Kyiv. Alors que l’image humaniste et universaliste de l’Union s’estompe au profit de l’individualisme national et que les tensions avec la Russie regagnent en intensité, l’Intermarium (Union Baltique-Mer Noire) est devenue l’une de ces utopies dont se nourrissent aujourd’hui les nationalistes ukrainiens du mouvement Azov pour donner un sens plus exaltant à leurs entreprises politiques, mais aussi dépasser le simple retour à la garantie des frontières ukrainiennes (1). Afin de donner corps à ce nouveau bloc géopolitique, il faut de toute évidence fédérer les nationalistes européens et progressivement les associer à une véritable quête idéologique d’unité.

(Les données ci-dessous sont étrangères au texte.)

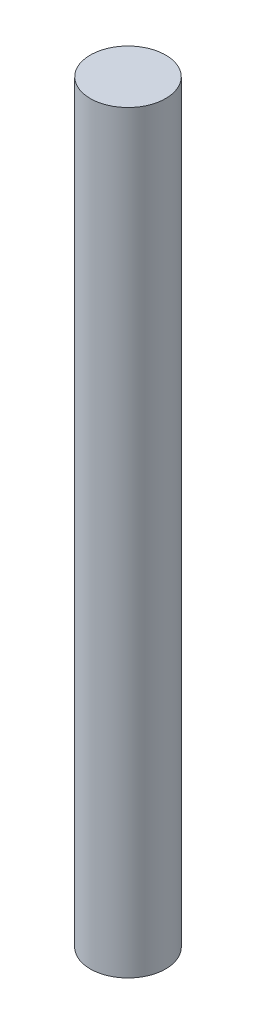
SolidWorks part; units mm, degrees
ref_plane "Front Plane" through (0, 0, 0) normal (0, 0, 1) x (1, 0, 0)
ref_plane "Top Plane" through (0, 0, 0) normal (0, 1, 0) x (1, 0, 0)
ref_plane "Right Plane" through (0, 0, 0) normal (1, 0, 0) x (0, 0, -1)
sketch "Sketch1" plane through (0, 0, 0) normal (0, 1, 0) x (1, 0, 0)
  circle A0 centre (0, 0) radius 10
  dimension "D1" = 20
extrude "Boss-Extrude1" add sketch "Sketch1" along normal blind 200
hole_wizard "M6 Tapped Hole1" positions "Sketch2" profile "Sketch3" tap size "M6" standard "GB"
sketch "Sketch2" plane through (0, 0, 0) normal (0, -1, 0) x (-1, 0, 0)
  point P0 (0, 0)
sketch "Sketch3" plane through (0, 0, 0) normal (1, 0, 0) x (0, 0, -1)
  line L0 (0, 0) -> (0, 16.5022)
  line L1 (0, 16.5022) -> (2.5, 15)
  line L2 (2.5, 15) -> (2.5, 0)
  line L5 (2.5, 0) -> (0, 0)
  line L10 (0, 16.5022) -> (-2.5, 15) construction
  line L11 (0, -6.35) -> (0, 107.95) construction
  dimension "螺纹孔钻头直径" = 5
  dimension "螺纹孔钻头深度" = 15
  dimension "导头角度" = 118
cosmetic thread "Hole Cosmetic Thread1" parameters "D1"=12, "D2"=6

Réunissant des représentants de diverses organisations d’extreme droite, tel que Casapound (Italie), Alliansen (Norvège), JN-NPD (Allemagne), le panel de conférences et tables rondes de la semaine pan-européenne aura pour but de constituer un réseau d’alliances, courroie de transmission d’idées et stratégies en vue d’une révolution nationaliste et suprematiste européenne. Cette révolution transnationale serait pour eux la confirmation d’un retour à la Nation à l’échelle de l’Europe. Avec la montée des idéaux conservateurs et nationalistes, ce sont l’Ouest mais aussi dorénavant l’Est qui réinventent leurs identités dans un sens ethno-culturel commun sous l’égide d’Azov (3). Comme le proposait au XIXème siècle le théoricien Johan Gustav Droysen, l’Europe nationaliste pourrait alors devenir “un bloc à la manière de l’Empire Allemand en jouant à son tour un rôle civilisateur et de garant de la culture”. L’Europe se trouverait par là réconciliée avec son passé et reconstruite sur un projet strictement identitaire.

Outre cette dimension volontariste, la semaine pan-européenne sera marquée par la venue de Greg Johnson, figure notoire de l’alt right américaine et du “nationalisme blanc”. Si le personnage de Johnson reste peu connu en Europe son déplacement en Ukraine est plus que symbolique. Là où Stephen Bannon peine à rassembler les droites populistes européennes autour de lui, Johnson serait-il en passe de réussir au sein des droites radicales ? Sur quels critères se noueront les alliances ? L’alt right jusqu’alors enclins au rapprochement avec la Russie serait-elle de revoir les paradigmes de sa politique internationale ?

Réflexions, utopiques certes, mais nourries de pratiques et de démarches originales, l’Intermarium et la Reconquista font pour la première fois de l’Ukraine un pivot de la réflexion (nationaliste) sur le rôle de l’Europe dans la recomposition géopolitique actuelle (2). Difficile de trouver, et surtout dans les forces d’extreme droite actuelles, une telle synthèse de la stratégie politique au quotidien et de la prospective.

Perspectives :

  • Le 14 octobre prochain date où l’Ukraine célèbrera les combattants de l’UPA se tiendra le congrès du parti Corps National d’Azov. Ce congrès aura pour principale tâche de fixer les objectifs électoraux du parti qui s’apprête à vivre ses premières élections

Sources :

  1. COHEN Josh, Commentary : Ukraine’s neo-Nazi problem, Reuters, 19 mars 2018.
  2. HURSKA Alla & SUKHANKIN Sergey, Ultranationalist forces in Ukraine (1991-2014), Eurasian Hub, 2014
  3. JOLLY Vincent, Ukraine : les milices extrémistes du bataillon Azov, Le Figaro, 18 mai 2018.